Análisis

El desgobierno planetario frente al coronavirus

La crisis del Covid-19 vuelve a mostrar la falta de operatividad de los grandes organismos internacionales para proteger a la población

Campo 87, en un cementerio de Milán, donde fueron enterradas 60 personas fallecidas por Covid-19 y que no han sido reclamadas AFP

Por Jesús A Núñez

Sabemos desde hace décadas que las amenazas a las que nos enfrentamos –sea la crisis climática, la proliferación de armas de destrucción masiva, las pandemias, el terrorismo, el crimen organizado y tantas otras– superan las capacidades de cualquier Estado nacional en solitario. Sabemos, por tanto, que solo sumando capacidades y voluntades nacionales, públicas y privadas, es posible articular una estrategia multilateral y multidimensional con ciertas posibilidades de éxito, enfocada principalmente a la prevención y a la respuesta común ante lo que nos afecte. Y, sin embargo, como bien demuestra la Covid-19, seguimos atrapados en un suicida enfoque individualista, mientras los órganos de gobernanza de la globalización muestran su impotencia para salir al paso.

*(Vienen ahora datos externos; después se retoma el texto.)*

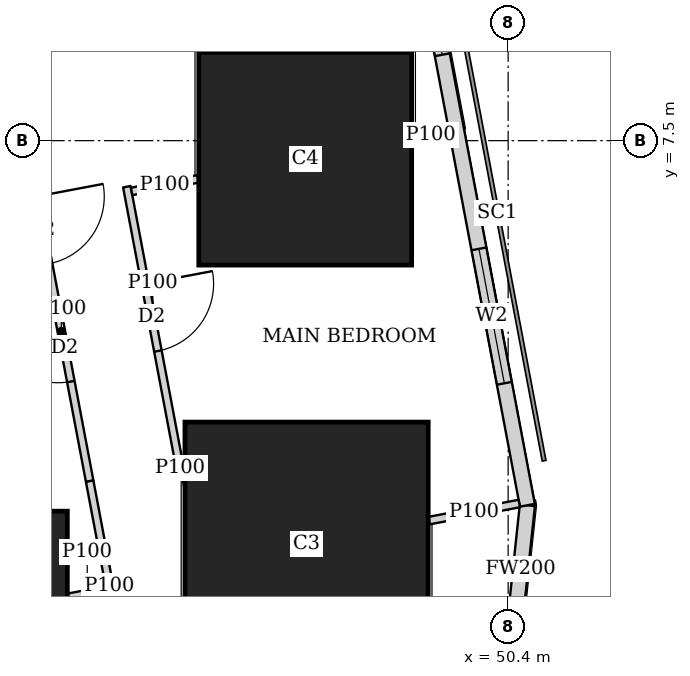
"""IFC4 building model, lengths in metres.
Left out: names, types, materials, properties, quantities, classifications, styles, units other than length and angle.
Written with IfcOpenShell. Run it as: python <this file> out.ifc"""

import sys

from ifc_helpers import new_model, si_unit, direction, frame, frame_2d, origin, origin_2d, place, context, subcontext, project, spatial, rectangle, extrude, element, fill, save


model = new_model("IFC4")
c1 = context("Model", 3, precision=1e-05, world=origin(), true_north=direction((0.0, 1.0)))
c2 = subcontext(c1, "Body", "Model", "MODEL_VIEW")
j1 = project(units=[si_unit("LENGTHUNIT", "METRE"), si_unit("PLANEANGLEUNIT", "RADIAN")], contexts=[c1])
p1 = place(None, origin())
s1 = spatial("IfcSite", under=j1, at=p1, CompositionType="ELEMENT")
p2 = place(p1, origin())
s2 = spatial("IfcBuilding", under=s1, at=p2, CompositionType="ELEMENT")
p3 = place(p2, frame((0.0, 0.0, 65.0)))
s3 = spatial("IfcBuildingStorey", under=s2, at=p3, CompositionType="ELEMENT", Elevation=65.0)
p4 = place(p3, frame((43.2, 1.225, 0.0), z_axis=(0.0, 0.0, 1.0), x_axis=(1.0, 0.0, 0.0)))
e1 = element("IfcColumn", 1, at=p4, inside=s3, PredefinedType="COLUMN", context=c2, shape_type="SweptSolid", body=[
    extrude(rectangle(XDim=2.8, YDim=2.8, at=origin_2d()), origin(), (0.0, 0.0, 1.0), 3.75),
])
p5 = place(p3, frame((47.748, 2.197, 0.0), z_axis=(0.0, 0.0, 1.0), x_axis=(1.0, 0.0, 0.0)))
e2 = element("IfcColumn", 2, at=p5, inside=s3, PredefinedType="COLUMN", context=c2, shape_type="SweptSolid", body=[
    extrude(rectangle(XDim=3.2, YDim=3.2, at=origin_2d()), origin(), (0.0, 0.0, 1.0), 3.75),
])
p6 = place(p3, frame((47.73, 7.263, 0.0), z_axis=(0.0, 0.0, 1.0), x_axis=(1.0, 0.0, 0.0)))
e3 = element("IfcColumn", 3, at=p6, inside=s3, PredefinedType="COLUMN", context=c2, shape_type="SweptSolid", body=[
    extrude(rectangle(XDim=2.8, YDim=2.8, at=origin_2d()), origin(), (0.0, 0.0, 1.0), 3.75),
])
p7 = place(p3, frame((50.474, 1.025, 0.0), z_axis=(0.0, 0.0, 1.0), x_axis=(0.106047815515, 0.994361031429, 0.0)))
e4 = element("IfcWall", 4, at=p7, inside=s3, PredefinedType="SOLIDWALL", context=c2, shape_type="SweptSolid", body=[
    extrude(rectangle(XDim=1.688, YDim=0.2, at=frame_2d((0.844, 0.0))), origin(), (0.0, 0.0, 1.0), 3.5),
])
p8 = place(p3, frame((50.653, 2.703, 0.0), z_axis=(0.0, 0.0, 1.0), x_axis=(-0.185612026696, 0.982623109613, 0.0)))
e5 = element("IfcWall", 5, at=p8, inside=s3, PredefinedType="SOLIDWALL", context=c2, shape_type="SweptSolid", body=[
    extrude(rectangle(XDim=41.393, YDim=0.2, at=frame_2d((20.697, 0.0))), origin(), (0.0, 0.0, 1.0), 3.5),
])
p9 = place(p8, frame((1.633, 0.0, 0.9)))
e6 = element("IfcOpeningElement", 6, at=p9, cuts=e5, PredefinedType="OPENING", context=c2, shape_type="SweptSolid", body=[
    extrude(rectangle(XDim=1.8, YDim=1.5, at=frame_2d((0.9, 0.75))), frame((0.0, 0.11, 0.0), z_axis=(0.0, -1.0, 0.0), x_axis=(1.0, 0.0, 0.0)), (0.0, 0.0, 1.0), 0.22),
])
p10 = place(p8, frame((6.032, 0.0, 0.9)))
e7 = element("IfcOpeningElement", 7, at=p10, cuts=e5, PredefinedType="OPENING", context=c2, shape_type="SweptSolid", body=[
    extrude(rectangle(XDim=1.8, YDim=1.5, at=frame_2d((0.9, 0.75))), frame((0.0, 0.11, 0.0), z_axis=(0.0, -1.0, 0.0), x_axis=(1.0, 0.0, 0.0)), (0.0, 0.0, 1.0), 0.22),
])
p11 = place(p8, frame((9.848, 0.0, 0.9)))
e8 = element("IfcOpeningElement", 8, at=p11, cuts=e5, PredefinedType="OPENING", context=c2, shape_type="SweptSolid", body=[
    extrude(rectangle(XDim=1.8, YDim=1.5, at=frame_2d((0.9, 0.75))), frame((0.0, 0.11, 0.0), z_axis=(0.0, -1.0, 0.0), x_axis=(1.0, 0.0, 0.0)), (0.0, 0.0, 1.0), 0.22),
])
p12 = place(p8, frame((17.481, 0.0, 0.9)))
e9 = element("IfcOpeningElement", 9, at=p12, cuts=e5, PredefinedType="OPENING", context=c2, shape_type="SweptSolid", body=[
    extrude(rectangle(XDim=1.8, YDim=1.5, at=frame_2d((0.9, 0.75))), frame((0.0, 0.11, 0.0), z_axis=(0.0, -1.0, 0.0), x_axis=(1.0, 0.0, 0.0)), (0.0, 0.0, 1.0), 0.22),
])
p13 = place(p8, frame((21.297, 0.0, 0.9)))
e10 = element("IfcOpeningElement", 10, at=p13, cuts=e5, PredefinedType="OPENING", context=c2, shape_type="SweptSolid", body=[
    extrude(rectangle(XDim=1.8, YDim=1.5, at=frame_2d((0.9, 0.75))), frame((0.0, 0.11, 0.0), z_axis=(0.0, -1.0, 0.0), x_axis=(1.0, 0.0, 0.0)), (0.0, 0.0, 1.0), 0.22),
])
p14 = place(p8, frame((25.113, 0.0, 0.9)))
e11 = element("IfcOpeningElement", 11, at=p14, cuts=e5, PredefinedType="OPENING", context=c2, shape_type="SweptSolid", body=[
    extrude(rectangle(XDim=1.8, YDim=1.5, at=frame_2d((0.9, 0.75))), frame((0.0, 0.11, 0.0), z_axis=(0.0, -1.0, 0.0), x_axis=(1.0, 0.0, 0.0)), (0.0, 0.0, 1.0), 0.22),
])
p15 = place(p8, frame((28.93, 0.0, 0.9)))
e12 = element("IfcOpeningElement", 12, at=p15, cuts=e5, PredefinedType="OPENING", context=c2, shape_type="SweptSolid", body=[
    extrude(rectangle(XDim=1.8, YDim=1.5, at=frame_2d((0.9, 0.75))), frame((0.0, 0.11, 0.0), z_axis=(0.0, -1.0, 0.0), x_axis=(1.0, 0.0, 0.0)), (0.0, 0.0, 1.0), 0.22),
])
p16 = place(p8, frame((32.746, 0.0, 0.9)))
e13 = element("IfcOpeningElement", 13, at=p16, cuts=e5, PredefinedType="OPENING", context=c2, shape_type="SweptSolid", body=[
    extrude(rectangle(XDim=1.8, YDim=1.5, at=frame_2d((0.9, 0.75))), frame((0.0, 0.11, 0.0), z_axis=(0.0, -1.0, 0.0), x_axis=(1.0, 0.0, 0.0)), (0.0, 0.0, 1.0), 0.22),
])
p17 = place(p8, frame((36.481, 0.0, 0.9)))
e14 = element("IfcOpeningElement", 14, at=p17, cuts=e5, PredefinedType="OPENING", context=c2, shape_type="SweptSolid", body=[
    extrude(rectangle(XDim=1.8, YDim=1.5, at=frame_2d((0.9, 0.75))), frame((0.0, 0.11, 0.0), z_axis=(0.0, -1.0, 0.0), x_axis=(1.0, 0.0, 0.0)), (0.0, 0.0, 1.0), 0.22),
])
p18 = place(p3, frame((45.383, 6.894, 0.0), z_axis=(0.0, 0.0, 1.0), x_axis=(0.185791461635, -0.982589198385, 0.0)))
e15 = element("IfcWall", 15, at=p18, inside=s3, PredefinedType="PARTITIONING", context=c2, shape_type="SweptSolid", body=[
    extrude(rectangle(XDim=3.687, YDim=0.1, at=frame_2d((1.844, 0.0))), origin(), (0.0, 0.0, 1.0), 3.5),
])
p19 = place(p18, frame((1.3, 0.0, 0.0)))
e16 = element("IfcOpeningElement", 16, at=p19, cuts=e15, PredefinedType="OPENING", context=c2, shape_type="SweptSolid", body=[
    extrude(rectangle(XDim=0.9, YDim=2.1, at=frame_2d((0.45, 1.05))), frame((0.0, 0.06, 0.0), z_axis=(0.0, -1.0, 0.0), x_axis=(1.0, 0.0, 0.0)), (0.0, 0.0, 1.0), 0.12),
])
p20 = place(p3, frame((46.068, 3.271, 0.0), z_axis=(0.0, 0.0, 1.0), x_axis=(0.183590240121, -0.98300286049, 0.0)))
e17 = element("IfcWall", 17, at=p20, inside=s3, PredefinedType="PARTITIONING", context=c2, shape_type="SweptSolid", body=[
    extrude(rectangle(XDim=0.169, YDim=0.1, at=frame_2d((0.084, 0.0))), origin(), (0.0, 0.0, 1.0), 2.05),
])
p21 = place(p3, frame((44.149, 6.96, 0.0), z_axis=(0.0, 0.0, 1.0), x_axis=(0.185824941804, -0.982582867245, 0.0)))
e18 = element("IfcWall", 18, at=p21, inside=s3, PredefinedType="PARTITIONING", context=c2, shape_type="SweptSolid", body=[
    extrude(rectangle(XDim=4.01, YDim=0.1, at=frame_2d((2.005, 0.0))), origin(), (0.0, 0.0, 1.0), 3.5),
])
p22 = place(p21, frame((0.2, 0.0, 0.0)))
e19 = element("IfcOpeningElement", 19, at=p22, cuts=e18, PredefinedType="OPENING", context=c2, shape_type="SweptSolid", body=[
    extrude(rectangle(XDim=0.9, YDim=2.1, at=frame_2d((0.45, 1.05))), frame((0.0, 0.06, 0.0), z_axis=(0.0, -1.0, 0.0), x_axis=(1.0, 0.0, 0.0)), (0.0, 0.0, 1.0), 0.12),
])
p23 = place(p21, frame((1.776, 0.0, 0.0)))
e20 = element("IfcOpeningElement", 20, at=p23, cuts=e18, PredefinedType="OPENING", context=c2, shape_type="SweptSolid", body=[
    extrude(rectangle(XDim=0.9, YDim=2.1, at=frame_2d((0.45, 1.05))), frame((0.0, 0.06, 0.0), z_axis=(0.0, -1.0, 0.0), x_axis=(1.0, 0.0, 0.0)), (0.0, 0.0, 1.0), 0.12),
])
p24 = place(p3, frame((44.894, 3.02, 0.0), z_axis=(0.0, 0.0, 1.0), x_axis=(0.185471317237, -0.982649678412, 0.0)))
e21 = element("IfcWall", 21, at=p24, inside=s3, PredefinedType="PARTITIONING", context=c2, shape_type="SweptSolid", body=[
    extrude(rectangle(XDim=2.804, YDim=0.1, at=frame_2d((1.402, 0.0))), origin(), (0.0, 0.0, 1.0), 2.05),
])
p25 = place(p3, frame((49.622, 7.62, 0.0), z_axis=(0.0, 0.0, 1.0), x_axis=(-0.982629142467, -0.185580086147, 0.0)))
e22 = element("IfcWall", 22, at=p25, inside=s3, PredefinedType="PARTITIONING", context=c2, shape_type="SweptSolid", body=[
    extrude(rectangle(XDim=0.491, YDim=0.1, at=frame_2d((0.245, 0.0))), origin(), (0.0, 0.0, 1.0), 3.5),
])
p26 = place(p3, frame((46.32, 6.997, 0.0), z_axis=(0.0, 0.0, 1.0), x_axis=(-0.982635224332, -0.185547880349, 0.0)))
e23 = element("IfcWall", 23, at=p26, inside=s3, PredefinedType="PARTITIONING", context=c2, shape_type="SweptSolid", body=[
    extrude(rectangle(XDim=0.889, YDim=0.1, at=frame_2d((0.445, 0.0))), origin(), (0.0, 0.0, 1.0), 3.5),
])
p27 = place(p3, frame((50.547, 2.726, 0.0), z_axis=(0.0, 0.0, 1.0), x_axis=(-0.982553313503, -0.185981144539, 0.0)))
e24 = element("IfcWall", 24, at=p27, inside=s3, PredefinedType="PARTITIONING", context=c2, shape_type="SweptSolid", body=[
    extrude(rectangle(XDim=1.21, YDim=0.1, at=frame_2d((0.605, 0.0))), origin(), (0.0, 0.0, 1.0), 3.5),
])
p28 = place(p3, frame((45.114, 1.587, 0.0), z_axis=(0.0, 0.0, 1.0), x_axis=(-0.982699277433, -0.185208342501, 0.0)))
e25 = element("IfcWall", 25, at=p28, inside=s3, PredefinedType="PARTITIONING", context=c2, shape_type="SweptSolid", body=[
    extrude(rectangle(XDim=0.513, YDim=0.1, at=frame_2d((0.256, 0.0))), origin(), (0.0, 0.0, 1.0), 2.05),
])
p29 = place(p9, origin())
e26 = element("IfcWindow", 26, at=p29, inside=s3, PartitioningType="SINGLE_PANEL", PredefinedType="WINDOW", context=c2, shape_type="SweptSolid", body=[
    extrude(rectangle(XDim=1.8, YDim=1.5, at=frame_2d((0.9, 0.75))), frame((0.0, 0.03, 0.0), z_axis=(0.0, -1.0, 0.0), x_axis=(1.0, 0.0, 0.0)), (0.0, 0.0, 1.0), 0.06),
])
fill(e6, e26)
p30 = place(p10, origin())
e27 = element("IfcWindow", 27, at=p30, inside=s3, PartitioningType="SINGLE_PANEL", PredefinedType="WINDOW", context=c2, shape_type="SweptSolid", body=[
    extrude(rectangle(XDim=1.8, YDim=1.5, at=frame_2d((0.9, 0.75))), frame((0.0, 0.03, 0.0), z_axis=(0.0, -1.0, 0.0), x_axis=(1.0, 0.0, 0.0)), (0.0, 0.0, 1.0), 0.06),
])
fill(e7, e27)
p31 = place(p19, origin())
e28 = element("IfcDoor", 28, at=p31, inside=s3, OperationType="SINGLE_SWING_LEFT", PredefinedType="DOOR", context=c2, shape_type="SweptSolid", body=[
    extrude(rectangle(XDim=0.9, YDim=2.1, at=frame_2d((0.45, 1.05))), frame((0.0, 0.025, 0.0), z_axis=(0.0, -1.0, 0.0), x_axis=(1.0, 0.0, 0.0)), (0.0, 0.0, 1.0), 0.05),
])
fill(e16, e28)
p32 = place(p23, origin())
e29 = element("IfcDoor", 29, at=p32, inside=s3, OperationType="SINGLE_SWING_RIGHT", PredefinedType="DOOR", context=c2, shape_type="SweptSolid", body=[
    extrude(rectangle(XDim=0.9, YDim=2.1, at=frame_2d((0.45, 1.05))), frame((0.0, 0.025, 0.0), z_axis=(0.0, -1.0, 0.0), x_axis=(1.0, 0.0, 0.0)), (0.0, 0.0, 1.0), 0.05),
])
fill(e20, e29)
save(model, sys.argv[1])

Nada de esto ocurre porque la Covid-19 sea un «cisne negro» absolutamente inesperado. De hecho, desde el final de la Guerra Fría, las pandemias ya figuran explícitamente en las Estrategia Nacionales de Seguridad de países como España y, en lo que llevamos de siglo, hasta en siete ocasiones la Organización Mundial de la Salud (OMS) emitió una emergencia de salud pública de importancia internacional. Tampoco es debido a la inexistencia de organismos multilaterales con mandato para preservar la seguridad humana. La ONU , único y legitimo representante de la comunidad internacional, fue creada para ello tras el brutal impacto de dos guerras mundiales. En su seno cuenta con agencias y departamentos potencialmente capacitados para ejercer ese papel… si sus 193 Estados miembros les dieran los medios necesarios.

Pérdida de control

El actual desajuste del sistema de gobernanza es el resultado, a escala nacional, de la doctrina neoliberal que logró imponer, ya en los años ochenta, la idea de que el Estado es parte del problema y el mercado es la solución. Así se ha llegado a un punto en el que los Estados han perdido el control de muchos procesos (sobre todo de la mano de actores económicos multinacionales) que afectan muy directamente al bienestar y la seguridad de sus ciudadanos. Por otra parte, el multilateralismo ha ido perdiendo defensores, como lo demuestra el hecho de que siquiera figura ya en el orden del día la reforma de la ONU, mientras Trump opta por salirse de la Unesco, la Unrwa, el Acuerdo de París o ahora también de la OMS , e incluso la Unión Europea muestra abiertamente sus fracturas internas poniendo en serio peligro su imprescindible proyecto de unión política.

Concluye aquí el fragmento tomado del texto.